Many software visualization tools exist but very few researchers conduct user studies with them, let alone do repeated or even replicated studies with the tools.
Lung, Aranda, Easterbrook and Wilson attempted to replicate the study by Dehnadi and Bornat described in the paper The camel has two humps (Dehnadi’s web page). However, throughout the design and execution of the experiment by Lung et al., a number of contextual – and unavoidable – difficulties forced their replication to deviate from the original study. Their paper entitled On the difficulty of replicating human subjects studies in software engineering presented at ICSE 2008 describes their replicated experiment and discuses the difficulties in replicating studies of this nature.
Replication of empirical studies is frequently advocated in software engineering but is rarely practiced.
Replication of experiments in SE remains a challenge. Empirical studies in SE usually involve testing a tool or observing the software development process. Such studies require access to skilled participants, who may be difficult and/or expensive to attract and retain for a study. Locating suitable subjects can also be problematic because of the wide variety of tools and programming languages: only a small subset of available participants may have the required experience with a particular technology. Many SE tasks involve some degree of creativity, leading to large variations in answers, e.g., quality of source code or a model.
The aim of replication is to check that the results of an experiment are reliable. In particular, external replication (replication by different researchers) can identify flaws in the way that hypotheses are expressed and can help to identify the range of conditions under which phenomenon occurs. In a literal replication, the goal is to come close enough to the original experiment so that the results can be directly compared. In contrast, a theoretical replication seeks to investigate the scope of the underlying theory, for example by redesigning the study for a different target population, or by testing a variant of the original hypothesis.
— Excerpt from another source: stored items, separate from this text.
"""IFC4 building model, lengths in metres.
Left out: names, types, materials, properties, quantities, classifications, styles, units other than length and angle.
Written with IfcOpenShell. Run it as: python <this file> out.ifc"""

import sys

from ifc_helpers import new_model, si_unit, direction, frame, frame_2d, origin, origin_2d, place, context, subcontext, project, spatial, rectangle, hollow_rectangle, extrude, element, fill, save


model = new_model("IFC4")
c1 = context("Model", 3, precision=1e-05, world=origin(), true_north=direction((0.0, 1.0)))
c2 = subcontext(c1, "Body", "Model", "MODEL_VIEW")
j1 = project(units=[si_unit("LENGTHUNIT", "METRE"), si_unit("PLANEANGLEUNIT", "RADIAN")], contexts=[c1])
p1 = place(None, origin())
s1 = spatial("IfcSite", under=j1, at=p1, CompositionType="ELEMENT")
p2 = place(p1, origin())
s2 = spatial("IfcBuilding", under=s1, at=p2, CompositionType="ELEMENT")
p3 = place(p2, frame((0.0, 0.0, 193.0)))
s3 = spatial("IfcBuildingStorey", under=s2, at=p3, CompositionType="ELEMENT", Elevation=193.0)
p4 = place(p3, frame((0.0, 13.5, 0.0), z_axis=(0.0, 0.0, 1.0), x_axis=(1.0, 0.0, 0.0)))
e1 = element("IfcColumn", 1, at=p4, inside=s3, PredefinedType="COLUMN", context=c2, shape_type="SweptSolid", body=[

There are many difficulties in replicating human subjects studies.
Such difficulties may be overcome if the payoff is great enough. However, it is not clear how to assess the cost benefit tradeoff for conducting replications. Human subjects studies are expensive and time consuming to conduct and all such studies are limited in some way. The crucial question is how much knowledge is gained by conducting a particular study (or replication), considering the amount of effort invested. For researchers interested in validating results of existing experiments, is it better to attempt a literal or theoretical replication, or to invest that same effort in designing a better study, or to probe the research question in a different way.